Office space dilemmas when moving

Moving offices will test your financial skills and your ability to forecast how the company is set to grow.

Charles Black, chief executive of software-as-a-service specialist Nasstar, says local transportation is a major consideration when choosing office space: ‘If you recruit new people, things like that can make the difference. However, for the service we provide, we don’t need a large office so the rent is reasonable.’

Black, who has a background in law and has a chartered surveyor for a father, conducted discussions over the lease by himself. ‘The landlord wanted £19 per square foot and I got the rate down to £15 per square foot,’ he says, noting that he was in the stronger position because he knew the office space had been vacant for a number of months.

Property expertise

Andrew Pegg, managing director of Midas Corporate Consulting, an independent property adviser, comments that business owners ‘need to be aware of the opportunities that are out there to tinker with agreements’.

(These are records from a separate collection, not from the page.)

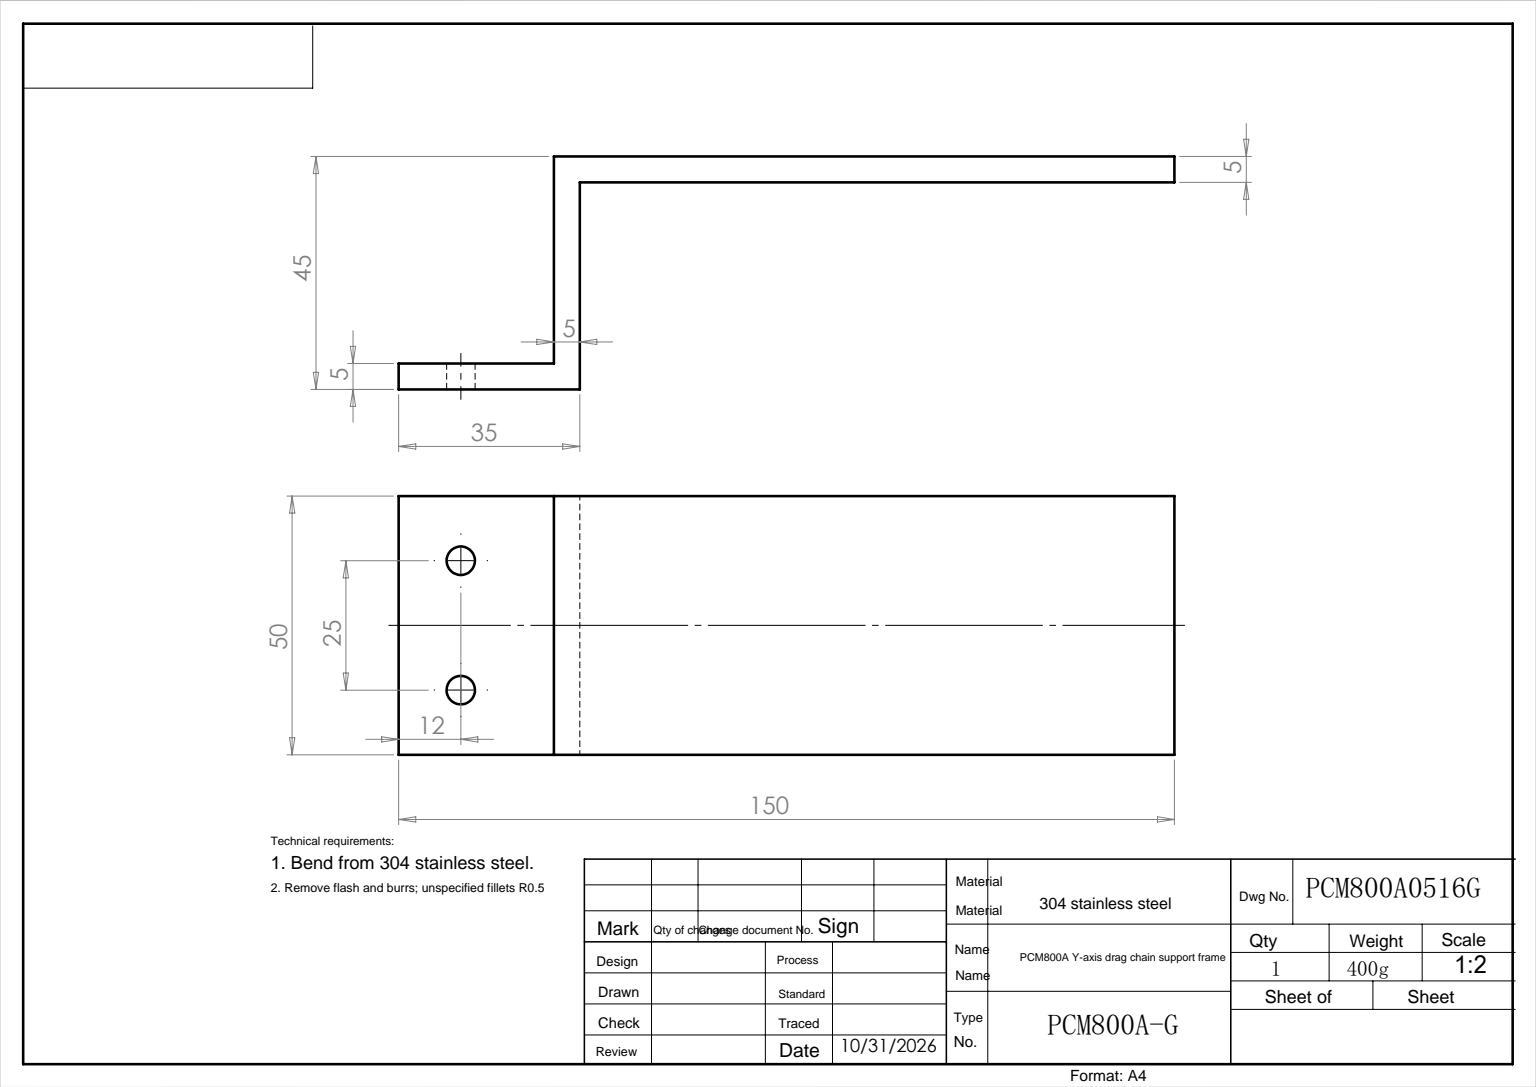
from build123d import *

# Parameters (mm, degrees)
EXTRUDE_1_DEPTH     = 50
SKETCH_2_R          = 2.75
CUT_EXTRUDE_1_DEPTH = 10


with BuildPart() as part:
    # 草图1 → 拉伸-薄壁1 (new body)
    with BuildSketch(Plane.XY):
        Polygon((0, 0), (30, 0), (30, 40), (150, 40), (150, 35), (35, 35), (35, -5), (0, -5), align=None)
    extrude(amount=EXTRUDE_1_DEPTH)

    # 草图2 → 切除-拉伸1 (cut)
    with BuildSketch(Plane(origin=(0, 0, 0), x_dir=(1, 0, 0), z_dir=(0, 1, 0))):
        with Locations(Location((12, -12.5, 0), (0, 0, 270))):
            Circle(SKETCH_2_R)
        with Locations(Location((12, -37.5, 0), (0, 0, 270))):
            Circle(SKETCH_2_R)
    extrude(amount=-CUT_EXTRUDE_1_DEPTH, mode=Mode.SUBTRACT)


solid = part.part

Property leases in the UK are, says Pegg, a lot less flexible than in Europe, notwithstanding the new Commercial Lease Code introduced in March 2007, which states that break clauses should not carry a penalty.

‘You want to be sure that the code is in the agreement,’ says Pegg. ‘One of the issues that people are experiencing is that the landlords know the new code is there, as do the agents, but they don’t abide by it because they want to get the best deal.’

A lot of people are taken aback by the cost of dilapidations in a commercial lease. Robert Hamilton, CEO of Instant Offices, which acts as an agency for serviced office providers, explains: ‘Unlike a domestic lease, every commercial lease requires that you restore an office to the state it was in when you first became a tenant.

‘That can be quite a hefty capital commitment at the end of your term, where you might have to recarpet and refurbish the premises, taking away everything you have installed, like your IT and cabling. That can easily cost at least £25,000 for a relatively small office of 25 to 30 people.’

Another catch often overlooked relates to the service charge paid for the upkeep of a building. ‘If you take on an office and there’s a problem, the landlord will deal with it, but it’ll still be paid for by you through the service charge,’ says Hamilton.

Working on the move

For Pegg, the core issue is judging what your organisation is trying to achieve and the space needed to meet that objective. The internet and advent of mobile working mean that you may not require as much space as you think you do.

‘Certain departments may not need permanent desks, such as a sales team, while departments like IT and finance certainly will,’ he says.

Nasstar’s Black agrees. ‘Technology means there is more flexible working,’ he states. ‘We have an employee who lives in Hampshire, works from home and pops into the office one day a week.’

At your service

If you find such upward pricing pressures and long-term commitments a little daunting, it might be worth considering serviced office space. The benefit of such an option is that you should be able to upscale or downscale the space you require with relative ease, unburdened by concerns about telecoms, furniture, utilities and cleaning costs.

Tim Worboys, sales and marketing director of serviced office provider Stonemartin, says: ‘Overheads are a drain on a company’s cash flow. Increasingly, finance directors are saying to their MDs or HR directors: “Sorry, I’m not approving your moving spend of £2 million to £3 million because it’ll hit the P&L too hard and damage the business’ growth.”’

That isn’t to say that going for serviced offices is cheap. Worboys says that the typical price in one of its regional centres is £600 per workstation for ten people or under, and that’s for a 12 to 18-month period.

If you don’t want all the trimmings that come with a serviced office, but desire the flexibility in tenancy agreements, then you can look at a managed office space. ‘If you’re taking a managed deal with us, you’re probably seeing a discount of 15 per cent and 20 per cent, based on an 18 month-plus term,’ says Worboys.

The latest variation on the formula is the shared office, which has just been introduced by Stonemartin. ‘Clients can share the environment they use,’ says Worboys. ‘It’s like compartmentalising an airport lounge so it becomes a business space. It’s a new concept and will reduce costs for clients by a further 20 per cent [when compared to renting managed space].’

Midas’ Pegg detects edginess in the market. ‘Businesses are reluctant to move and are managing their cash. The ones that are moving are the ones that have no choice but to go elsewhere,’ he says.

Good deals

Bargains can be had if you give your move sufficient care and attention, and don’t be afraid to ask for a ‘rent-free’ period when signing an agreement be it for a serviced office or standard commercial lease.

‘For some managed deals of a term that’s for three years-plus, we would offer a prospective tenant a period where they don’t pay rent,’ comments Worboys. ‘It could be two to six weeks, depending on the agreement that was signed, or nothing at all.’